Yo'City: Personalized and Boundless 3D Realistic City Scene Generation via Self-Critic Expansion
Keyang Lu, Sifan Zhou, Hongbin Xu, Gang Xu, Zhifei Yang, Yikai Wang, Zhen Xiao, Jieyi Long, Ming Li
TL;DR
Yo'City introduces a novel agentic framework for personalized, boundless 3D city generation that leverages a City–District–Grid hierarchy and a produce–refine–evaluate loop to create scalable, high-fidelity urban scenes. By coupling a Global Planner and Local Designer with an isometric image-to-3D pipeline and a scene-graph–driven Expansion Module, the method achieves both global structural coherence and local architectural richness. A Retrieval-Augmented Grounding (RAG) approach grounds planning in real-world city patterns, while parallel tile generation enables rapid, large-scale city synthesis without map data.
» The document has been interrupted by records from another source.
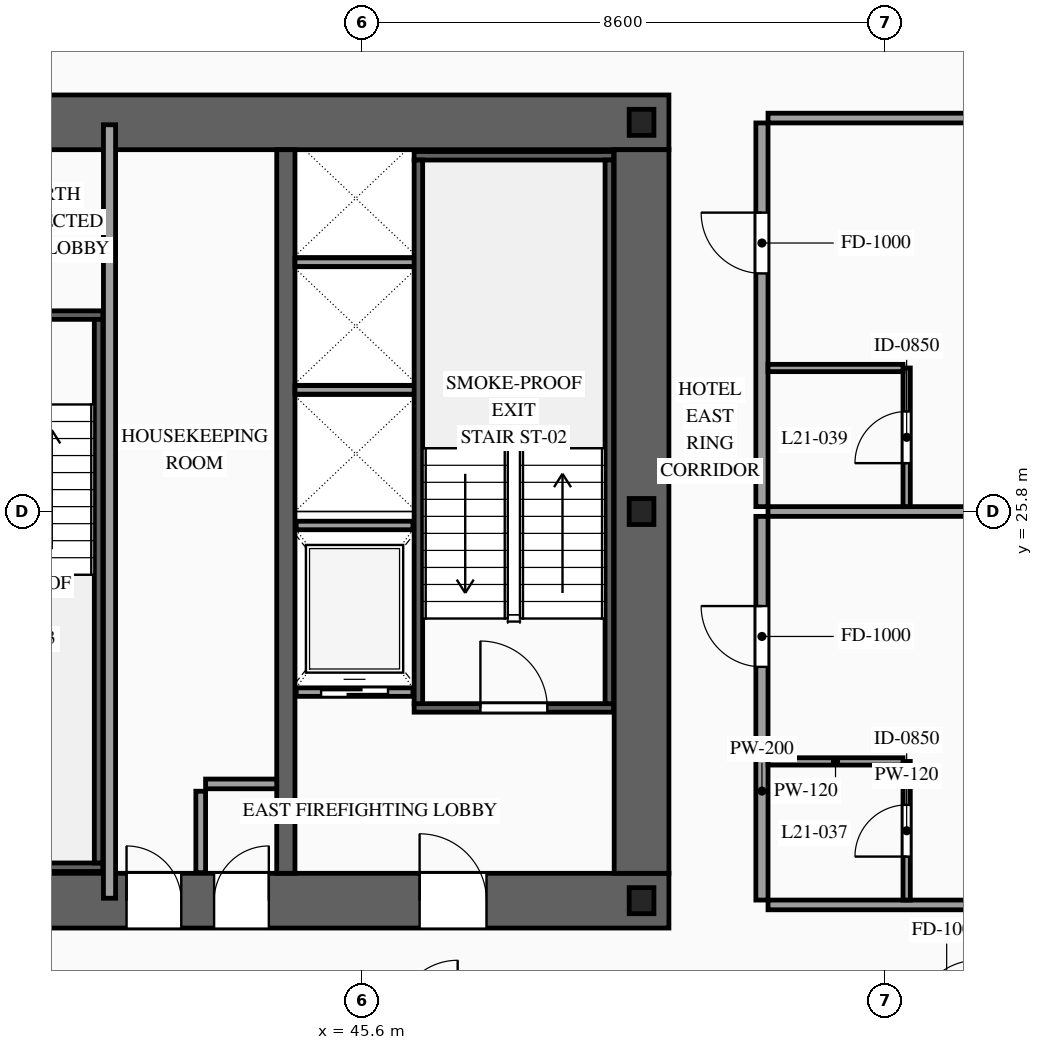
"""IFC4 building model, lengths in metres.
Left out: names, types, materials, properties, quantities, classifications, styles, units other than length and angle.
Written with IfcOpenShell. Run it as: python <this file> out.ifc"""

import sys

from ifc_helpers import new_model, si_unit, direction, frame, frame_2d, origin, origin_2d, place, context, subcontext, project, spatial, rectangle, i_section, extrude, source, transform, mapped, element, fill, save


model = new_model("IFC4")
c1 = context("Model", 3, precision=1e-05, world=origin(), true_north=direction((0.0, 1.0)))
c2 = subcontext(c1, "Body", "Model", "MODEL_VIEW")
j1 = project(units=[si_unit("LENGTHUNIT", "METRE"), si_unit("PLANEANGLEUNIT", "RADIAN")], contexts=[c1])
p1 = place(None, origin())
s1 = spatial("IfcSite", under=j1, at=p1, CompositionType="ELEMENT")
p2 = place(p1, origin())
s2 = spatial("IfcBuilding", under=s1, at=p2, CompositionType="ELEMENT")
p3 = place(p2, frame((0.0, 0.0, 82.0)))
s3 = spatial("IfcBuildingStorey", under=s2, at=p3, CompositionType="ELEMENT", Elevation=82.0)
p4 = place(p3, frame((23.35, 19.4, 0.0), z_axis=(0.0, 0.0, 1.0), x_axis=(1.0, 0.0, 0.0)))
e1 = element("IfcWall", 1, at=p4, inside=s3, PredefinedType="SHEAR", context=c2, shape_type="SweptSolid", body=[
    extrude(rectangle(XDim=27.3, YDim=0.9, at=frame_2d((13.65, 0.0))), origin(), (0.0, 0.0, 1.0), 3.6),
])
p5 = place(p4, frame((2.1, 0.0, 0.0)))
e2 = element("IfcOpeningElement", 2, at=p5, cuts=e1, PredefinedType="OPENING", context=c2, shape_type="SweptSolid", body=[
    extrude(rectangle(XDim=1.1, YDim=2.2, at=frame_2d((0.55, 1.1))), frame((0.0, 0.465, 0.0), z_axis=(0.0, -1.0, 0.0), x_axis=(1.0, 0.0, 0.0)), (0.0, 0.0, 1.0), 0.93),
])
p6 = place(p4, frame((10.0, 0.0, 0.0)))
e3 = element("IfcOpeningElement", 3, at=p6, cuts=e1, PredefinedType="OPENING", context=c2, shape_type="SweptSolid", body=[
    extrude(rectangle(XDim=1.1, YDim=2.2, at=frame_2d((0.55, 1.1))), frame((0.0, 0.465, 0.0), z_axis=(0.0, -1.0, 0.0), x_axis=(1.0, 0.0, 0.0)), (0.0, 0.0, 1.0), 0.93),
])
p7 = place(p4, frame((23.2, 0.0, 0.0)))
e4 = element("IfcOpeningElement", 4, at=p7, cuts=e1, PredefinedType="OPENING", context=c2, shape_type="SweptSolid", body=[
    extrude(rectangle(XDim=1.1, YDim=2.2, at=frame_2d((0.55, 1.1))), frame((0.0, 0.465, 0.0), z_axis=(0.0, -1.0, 0.0), x_axis=(1.0, 0.0, 0.0)), (0.0, 0.0, 1.0), 0.93),
])
p8 = place(p4, frame((19.82, 0.0, 0.0)))
e5 = element("IfcOpeningElement", 5, at=p8, cuts=e1, PredefinedType="OPENING", context=c2, shape_type="SweptSolid", body=[
    extrude(rectangle(XDim=0.9, YDim=2.15, at=frame_2d((0.45, 1.075))), frame((0.0, 0.465, 0.0), z_axis=(0.0, -1.0, 0.0), x_axis=(1.0, 0.0, 0.0)), (0.0, 0.0, 1.0), 0.93),
])
p9 = place(p4, frame((18.38, 0.0, 0.0)))
e6 = element("IfcOpeningElement", 6, at=p9, cuts=e1, PredefinedType="OPENING", context=c2, shape_type="SweptSolid", body=[
    extrude(rectangle(XDim=0.9, YDim=2.15, at=frame_2d((0.45, 1.075))), frame((0.0, 0.465, 0.0), z_axis=(0.0, -1.0, 0.0), x_axis=(1.0, 0.0, 0.0)), (0.0, 0.0, 1.0), 0.93),
])
p10 = place(p3, frame((23.35, 32.2, 0.0), z_axis=(0.0, 0.0, 1.0), x_axis=(1.0, 0.0, 0.0)))
e7 = element("IfcWall", 7, at=p10, inside=s3, PredefinedType="SHEAR", context=c2, shape_type="SweptSolid", body=[
    extrude(rectangle(XDim=27.3, YDim=0.9, at=frame_2d((13.65, 0.0))), origin(), (0.0, 0.0, 1.0), 3.6),
])
p11 = place(p10, frame((4.72, 0.0, 0.0)))
e8 = element("IfcOpeningElement", 8, at=p11, cuts=e7, PredefinedType="OPENING", context=c2, shape_type="SweptSolid", body=[
    extrude(rectangle(XDim=0.9, YDim=2.15, at=frame_2d((0.45, 1.075))), frame((0.0, 0.465, 0.0), z_axis=(0.0, -1.0, 0.0), x_axis=(1.0, 0.0, 0.0)), (0.0, 0.0, 1.0), 0.93),
])
p12 = place(p10, frame((10.0, 0.0, 0.0)))
e9 = element("IfcOpeningElement", 9, at=p12, cuts=e7, PredefinedType="OPENING", context=c2, shape_type="SweptSolid", body=[
    extrude(rectangle(XDim=1.1, YDim=2.2, at=frame_2d((0.55, 1.1))), frame((0.0, 0.465, 0.0), z_axis=(0.0, -1.0, 0.0), x_axis=(1.0, 0.0, 0.0)), (0.0, 0.0, 1.0), 0.93),
])
p13 = place(p10, frame((15.85, 0.0, 0.0)))
e10 = element("IfcOpeningElement", 10, at=p13, cuts=e7, PredefinedType="OPENING", context=c2, shape_type="SweptSolid", body=[
    extrude(rectangle(XDim=1.1, YDim=2.2, at=frame_2d((0.55, 1.1))), frame((0.0, 0.465, 0.0), z_axis=(0.0, -1.0, 0.0), x_axis=(1.0, 0.0, 0.0)), (0.0, 0.0, 1.0), 0.93),
])
m1 = source(origin(), c2, "Body", "SweptSolid", [
    extrude(rectangle(XDim=11.9, YDim=0.9, at=frame_2d((5.95, 0.0))), origin(), (0.0, 0.0, 1.0), 3.6),
])
p14 = place(p3, frame((50.2, 19.85, 0.0), z_axis=(0.0, 0.0, 1.0), x_axis=(0.0, 1.0, 0.0)))
e11 = element("IfcWall", 11, at=p14, inside=s3, PredefinedType="SHEAR", context=c2, shape_type="MappedRepresentation", body=[
    mapped(m1, transform((0.0, 0.0, 0.0), scale=1.0)),
])
m2 = source(origin(), c2, "Body", "SweptSolid", [
    extrude(rectangle(XDim=11.9, YDim=0.3, at=frame_2d((5.95, 0.0))), origin(), (0.0, 0.0, 1.0), 3.6),
])
p15 = place(p3, frame((44.35, 19.85, 0.0), z_axis=(0.0, 0.0, 1.0), x_axis=(0.0, 1.0, 0.0)))
e12 = element("IfcWall", 12, at=p15, inside=s3, PredefinedType="SOLIDWALL", context=c2, shape_type="MappedRepresentation", body=[
    mapped(m2, transform((0.0, 0.0, 0.0), scale=1.0)),
])
m3 = source(origin(), c2, "Body", "SweptSolid", [
    extrude(i_section(OverallWidth=0.407, OverallDepth=0.428, WebThickness=0.02, FlangeThickness=0.035, at=origin_2d()), origin(), (0.0, 0.0, 1.0), 3.6),
])
for number, where, z_axis, x_axis in (
    (13, (50.2, 19.4, 0.0), (0.0, 0.0, 1.0), (1.0, 0.0, 0.0)),
    (14, (50.2, 25.8, 0.0), (0.0, 0.0, 1.0), (1.0, 0.0, 0.0)),
    (15, (50.2, 32.2, 0.0), (0.0, 0.0, 1.0), (1.0, 0.0, 0.0)),
):
    element("IfcColumn", number, at=place(p3, frame(where, z_axis=z_axis, x_axis=x_axis)), inside=s3, PredefinedType="COLUMN", context=c2, shape_type="MappedRepresentation", body=[
        mapped(m3, transform((0.0, 0.0, 0.0), scale=1.0)),
    ])
p16 = place(p3, frame((44.52, 22.83, 0.0), z_axis=(0.0, 0.0, 1.0), x_axis=(1.0, 0.0, 0.0)))
e16 = element("IfcWall", 16, at=p16, inside=s3, PredefinedType="SOLIDWALL", context=c2, shape_type="SweptSolid", body=[
    extrude(rectangle(XDim=1.92, YDim=0.14, at=frame_2d((0.96, 0.0))), origin(), (0.0, 0.0, 1.0), 3.32),
])
p17 = place(p16, frame((0.41, 0.0, 0.0)))
e17 = element("IfcOpeningElement", 17, at=p17, cuts=e16, PredefinedType="OPENING", context=c2, shape_type="SweptSolid", body=[
    extrude(rectangle(XDim=1.1, YDim=2.2, at=frame_2d((0.55, 1.1))), frame((0.0, 0.085, 0.0), z_axis=(0.0, -1.0, 0.0), x_axis=(1.0, 0.0, 0.0)), (0.0, 0.0, 1.0), 0.17),
])
m4 = source(origin(), c2, "Body", "SweptSolid", [
    extrude(rectangle(XDim=1.92, YDim=0.14, at=frame_2d((0.96, 0.0))), origin(), (0.0, 0.0, 1.0), 3.32),
])
p18 = place(p3, frame((44.52, 25.57, 0.0), z_axis=(0.0, 0.0, 1.0), x_axis=(1.0, 0.0, 0.0)))
e18 = element("IfcWall", 18, at=p18, inside=s3, PredefinedType="SOLIDWALL", context=c2, shape_type="MappedRepresentation", body=[
    mapped(m4, transform((0.0, 0.0, 0.0), scale=1.0)),
])
m5 = source(origin(), c2, "Body", "SweptSolid", [
    extrude(rectangle(XDim=2.0, YDim=0.14, at=frame_2d((1.0, 0.0))), origin(), (0.0, 0.0, 1.0), 3.32),
])
for number, where, z_axis, x_axis in (
    (19, (44.5, 27.8, 0.0), (0.0, 0.0, 1.0), (1.0, 0.0, 0.0)),
    (20, (44.5, 29.9, 0.0), (0.0, 0.0, 1.0), (1.0, 0.0, 0.0)),
):
    element("IfcWall", number, at=place(p3, frame(where, z_axis=z_axis, x_axis=x_axis)), inside=s3, PredefinedType="SOLIDWALL", context=c2, shape_type="MappedRepresentation", body=[
        mapped(m5, transform((0.0, 0.0, 0.0), scale=1.0)),
    ])
p19 = place(p3, frame((46.46, 22.57, 0.0), z_axis=(0.0, 0.0, 1.0), x_axis=(1.0, 0.0, 0.0)))
e21 = element("IfcWall", 21, at=p19, inside=s3, PredefinedType="SOLIDWALL", context=c2, shape_type="SweptSolid", body=[
    extrude(rectangle(XDim=3.28, YDim=0.14, at=frame_2d((1.64, 0.0))), origin(), (0.0, 0.0, 1.0), 3.32),
])
p20 = place(p19, frame((1.09, 0.0, 0.0)))
e22 = element("IfcOpeningElement", 22, at=p20, cuts=e21, PredefinedType="OPENING", context=c2, shape_type="SweptSolid", body=[
    extrude(rectangle(XDim=1.1, YDim=2.2, at=frame_2d((0.55, 1.1))), frame((0.0, 0.085, 0.0), z_axis=(0.0, -1.0, 0.0), x_axis=(1.0, 0.0, 0.0)), (0.0, 0.0, 1.0), 0.17),
])
m6 = source(origin(), c2, "Body", "SweptSolid", [
    extrude(rectangle(XDim=3.28, YDim=0.14, at=frame_2d((1.64, 0.0))), origin(), (0.0, 0.0, 1.0), 3.32),
])
p21 = place(p3, frame((46.46, 31.65, 0.0), z_axis=(0.0, 0.0, 1.0), x_axis=(1.0, 0.0, 0.0)))
e23 = element("IfcWall", 23, at=p21, inside=s3, PredefinedType="SOLIDWALL", context=c2, shape_type="MappedRepresentation", body=[
    mapped(m6, transform((0.0, 0.0, 0.0), scale=1.0)),
])
m7 = source(origin(), c2, "Body", "SweptSolid", [
    extrude(rectangle(XDim=8.94, YDim=0.14, at=frame_2d((4.47, 0.0))), origin(), (0.0, 0.0, 1.0), 3.32),
])
for number, where, z_axis, x_axis in (
    (24, (46.53, 22.64, 0.0), (0.0, 0.0, 1.0), (0.0, 1.0, 0.0)),
    (25, (49.67, 22.64, 0.0), (0.0, 0.0, 1.0), (0.0, 1.0, 0.0)),
):
    element("IfcWall", number, at=place(p3, frame(where, z_axis=z_axis, x_axis=x_axis)), inside=s3, PredefinedType="SOLIDWALL", context=c2, shape_type="MappedRepresentation", body=[
        mapped(m7, transform((0.0, 0.0, 0.0), scale=1.0)),
    ])
p22 = place(p3, frame((38.2, 29.03, 0.0), z_axis=(0.0, 0.0, 1.0), x_axis=(1.0, 0.0, 0.0)))
e26 = element("IfcWall", 26, at=p22, inside=s3, PredefinedType="SOLIDWALL", context=c2, shape_type="SweptSolid", body=[
    extrude(rectangle(XDim=3.14, YDim=0.14, at=frame_2d((1.57, 0.0))), origin(), (0.0, 0.0, 1.0), 3.32),
])
p23 = place(p22, frame((1.02, 0.0, 0.0)))
e27 = element("IfcOpeningElement", 27, at=p23, cuts=e26, PredefinedType="OPENING", context=c2, shape_type="SweptSolid", body=[
    extrude(rectangle(XDim=1.1, YDim=2.2, at=frame_2d((0.55, 1.1))), frame((0.0, 0.085, 0.0), z_axis=(0.0, -1.0, 0.0), x_axis=(1.0, 0.0, 0.0)), (0.0, 0.0, 1.0), 0.17),
])
m8 = source(origin(), c2, "Body", "SweptSolid", [
    extrude(rectangle(XDim=3.14, YDim=0.14, at=frame_2d((1.57, 0.0))), origin(), (0.0, 0.0, 1.0), 3.32),
])
p24 = place(p3, frame((38.2, 19.95, 0.0), z_axis=(0.0, 0.0, 1.0), x_axis=(1.0, 0.0, 0.0)))
e28 = element("IfcWall", 28, at=p24, inside=s3, PredefinedType="SOLIDWALL", context=c2, shape_type="MappedRepresentation", body=[
    mapped(m8, transform((0.0, 0.0, 0.0), scale=1.0)),
])
m9 = source(origin(), c2, "Body", "SweptSolid", [
    extrude(rectangle(XDim=8.94, YDim=0.14, at=frame_2d((4.47, 0.0))), origin(), (0.0, 0.0, 1.0), 3.32),
])
p25 = place(p3, frame((41.27, 20.02, 0.0), z_axis=(0.0, 0.0, 1.0), x_axis=(0.0, 1.0, 0.0)))
e29 = element("IfcWall", 29, at=p25, inside=s3, PredefinedType="SOLIDWALL", context=c2, shape_type="MappedRepresentation", body=[
    mapped(m9, transform((0.0, 0.0, 0.0), scale=1.0)),
])
m10 = source(origin(), c2, "Body", "SweptSolid", [
    extrude(rectangle(XDim=1.34, YDim=0.16, at=frame_2d((0.67, 0.0))), origin(), (0.0, 0.0, 1.0), 3.32),
])
p26 = place(p3, frame((42.95, 19.86, 0.0), z_axis=(0.0, 0.0, 1.0), x_axis=(0.0, 1.0, 0.0)))
e30 = element("IfcWall", 30, at=p26, inside=s3, PredefinedType="PARTITIONING", context=c2, shape_type="MappedRepresentation", body=[
    mapped(m10, transform((0.0, 0.0, 0.0), scale=1.0)),
])
m11 = source(origin(), c2, "Body", "SweptSolid", [
    extrude(rectangle(XDim=1.17, YDim=0.16, at=frame_2d((0.585, 0.0))), origin(), (0.0, 0.0, 1.0), 3.32),
])
p27 = place(p3, frame((43.03, 21.32, 0.0), z_axis=(0.0, 0.0, 1.0), x_axis=(1.0, 0.0, 0.0)))
e31 = element("IfcWall", 31, at=p27, inside=s3, PredefinedType="PARTITIONING", context=c2, shape_type="MappedRepresentation", body=[
    mapped(m11, transform((0.0, 0.0, 0.0), scale=1.0)),
])
m12 = source(origin(), c2, "Body", "SweptSolid", [
    extrude(rectangle(XDim=12.72, YDim=0.2, at=frame_2d((6.36, 0.0))), origin(), (0.0, 0.0, 1.0), 3.32),
])
p28 = place(p3, frame((41.45, 19.44, 0.0), z_axis=(0.0, 0.0, 1.0), x_axis=(0.0, 1.0, 0.0)))
e32 = element("IfcWall", 32, at=p28, inside=s3, PredefinedType="PARTITIONING", context=c2, shape_type="MappedRepresentation", body=[
    mapped(m12, transform((0.0, 0.0, 0.0), scale=1.0)),
])
p29 = place(p3, frame((52.18, 19.41, 0.0), z_axis=(0.0, 0.0, 1.0), x_axis=(0.0, 1.0, 0.0)))
e33 = element("IfcWall", 33, at=p29, inside=s3, PredefinedType="PARTITIONING", context=c2, shape_type="SweptSolid", body=[
    extrude(rectangle(XDim=6.31, YDim=0.2, at=frame_2d((3.155, 0.0))), origin(), (0.0, 0.0, 1.0), 3.32),
])
p30 = place(p29, frame((3.835, 0.0, 0.0)))
e34 = element("IfcOpeningElement", 34, at=p30, cuts=e33, PredefinedType="OPENING", context=c2, shape_type="SweptSolid", body=[
    extrude(rectangle(XDim=1.0, YDim=2.2, at=frame_2d((0.5, 1.1))), frame((0.0, 0.115, 0.0), z_axis=(0.0, -1.0, 0.0), x_axis=(1.0, 0.0, 0.0)), (0.0, 0.0, 1.0), 0.23),
])
m13 = source(origin(), c2, "Body", "SweptSolid", [
    extrude(rectangle(XDim=9.67, YDim=0.16, at=frame_2d((4.835, 0.0))), origin(), (0.0, 0.0, 1.0), 1.715),
])
p31 = place(p3, frame((52.28, 25.8, 0.0), z_axis=(0.0, 0.0, 1.0), x_axis=(1.0, 0.0, 0.0)))
e35 = element("IfcWall", 35, at=p31, inside=s3, PredefinedType="PARTITIONING", context=c2, shape_type="MappedRepresentation", body=[
    mapped(m13, transform((0.0, 0.0, 0.0), scale=1.0)),
])
m14 = source(origin(), c2, "Body", "SweptSolid", [
    extrude(rectangle(XDim=9.67, YDim=0.16, at=frame_2d((4.835, 0.0))), origin(), (0.0, 0.0, 1.0), 3.32),
])
p32 = place(p3, frame((52.28, 19.33, 0.0), z_axis=(0.0, 0.0, 1.0), x_axis=(1.0, 0.0, 0.0)))
e36 = element("IfcWall", 36, at=p32, inside=s3, PredefinedType="PARTITIONING", context=c2, shape_type="MappedRepresentation", body=[
    mapped(m14, transform((0.0, 0.0, 0.0), scale=1.0)),
])
p33 = place(p3, frame((54.56, 19.41, 0.0), z_axis=(0.0, 0.0, 1.0), x_axis=(0.0, 1.0, 0.0)))
e37 = element("IfcWall", 37, at=p33, inside=s3, PredefinedType="PARTITIONING", context=c2, shape_type="SweptSolid", body=[
    extrude(rectangle(XDim=2.28, YDim=0.12, at=frame_2d((1.14, 0.0))), origin(), (0.0, 0.0, 1.0), 3.32),
])
p34 = place(p33, frame((0.715, 0.0, 0.0)))
e38 = element("IfcOpeningElement", 38, at=p34, cuts=e37, PredefinedType="OPENING", context=c2, shape_type="SweptSolid", body=[
    extrude(rectangle(XDim=0.85, YDim=2.1, at=frame_2d((0.425, 1.05))), frame((0.0, 0.075, 0.0), z_axis=(0.0, -1.0, 0.0), x_axis=(1.0, 0.0, 0.0)), (0.0, 0.0, 1.0), 0.15),
])
m15 = source(origin(), c2, "Body", "SweptSolid", [
    extrude(rectangle(XDim=2.22, YDim=0.12, at=frame_2d((1.11, 0.0))), origin(), (0.0, 0.0, 1.0), 3.32),
])
p35 = place(p3, frame((52.28, 21.69, 0.0), z_axis=(0.0, 0.0, 1.0), x_axis=(1.0, 0.0, 0.0)))
e39 = element("IfcWall", 39, at=p35, inside=s3, PredefinedType="PARTITIONING", context=c2, shape_type="MappedRepresentation", body=[
    mapped(m15, transform((0.0, 0.0, 0.0), scale=1.0)),
])
p36 = place(p3, frame((52.18, 25.88, 0.0), z_axis=(0.0, 0.0, 1.0), x_axis=(0.0, 1.0, 0.0)))
e40 = element("IfcWall", 40, at=p36, inside=s3, PredefinedType="PARTITIONING", context=c2, shape_type="SweptSolid", body=[
    extrude(rectangle(XDim=6.31, YDim=0.2, at=frame_2d((3.155, 0.0))), origin(), (0.0, 0.0, 1.0), 3.32),
])
p37 = place(p36, frame((3.835, 0.0, 0.0)))
e41 = element("IfcOpeningElement", 41, at=p37, cuts=e40, PredefinedType="OPENING", context=c2, shape_type="SweptSolid", body=[
    extrude(rectangle(XDim=1.0, YDim=2.2, at=frame_2d((0.5, 1.1))), frame((0.0, 0.115, 0.0), z_axis=(0.0, -1.0, 0.0), x_axis=(1.0, 0.0, 0.0)), (0.0, 0.0, 1.0), 0.23),
])
p38 = place(p3, frame((52.28, 32.27, 0.0), z_axis=(0.0, 0.0, 1.0), x_axis=(1.0, 0.0, 0.0)))
e42 = element("IfcWall", 42, at=p38, inside=s3, PredefinedType="PARTITIONING", context=c2, shape_type="MappedRepresentation", body=[
    mapped(m14, transform((0.0, 0.0, 0.0), scale=1.0)),
])
p39 = place(p3, frame((54.56, 25.88, 0.0), z_axis=(0.0, 0.0, 1.0), x_axis=(0.0, 1.0, 0.0)))
e43 = element("IfcWall", 43, at=p39, inside=s3, PredefinedType="PARTITIONING", context=c2, shape_type="SweptSolid", body=[
    extrude(rectangle(XDim=2.28, YDim=0.12, at=frame_2d((1.14, 0.0))), origin(), (0.0, 0.0, 1.0), 3.32),
])
p40 = place(p39, frame((0.715, 0.0, 0.0)))
e44 = element("IfcOpeningElement", 44, at=p40, cuts=e43, PredefinedType="OPENING", context=c2, shape_type="SweptSolid", body=[
    extrude(rectangle(XDim=0.85, YDim=2.1, at=frame_2d((0.425, 1.05))), frame((0.0, 0.075, 0.0), z_axis=(0.0, -1.0, 0.0), x_axis=(1.0, 0.0, 0.0)), (0.0, 0.0, 1.0), 0.15),
])
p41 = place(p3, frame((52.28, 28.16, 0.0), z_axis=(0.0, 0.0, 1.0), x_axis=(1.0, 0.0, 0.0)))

The authors provide a multi-dimensional evaluation benchmark and demonstrate state-of-the-art performance across semantic alignment, geometric fidelity, texture clarity, layout coherence, scene coverage, and realism, underscoring the practical potential for immersive VR, digital twins, and game-like applications.
Abstract
Realistic 3D city generation is fundamental to a wide range of applications, including virtual reality and digital twins. However, most existing methods rely on training a single diffusion model, which limits their ability to generate personalized and boundless city-scale scenes. In this paper, we present Yo'City, a novel agentic framework that enables user-customized and infinitely expandable 3D city generation by leveraging the reasoning and compositional capabilities of off-the-shelf large models. Specifically, Yo'City first conceptualize the city through a top-down planning strategy that defines a hierarchical "City-District-Grid" structure. The Global Planner determines the overall layout and potential functional districts, while the Local Designer further refines each district with detailed grid-level descriptions. Subsequently, the grid-level 3D generation is achieved through a "produce-refine-evaluate" isometric image synthesis loop, followed by image-to-3D generation. To simulate continuous city evolution, Yo'City further introduces a user-interactive, relationship-guided expansion mechanism, which performs scene graph-based distance- and semantics-aware layout optimization, ensuring spatially coherent city growth. To comprehensively evaluate our method, we construct a diverse benchmark dataset and design six multi-dimensional metrics that assess generation quality from the perspectives of semantics, geometry, texture, and layout. Extensive experiments demonstrate that Yo'City consistently outperforms existing state-of-the-art methods across all evaluation aspects.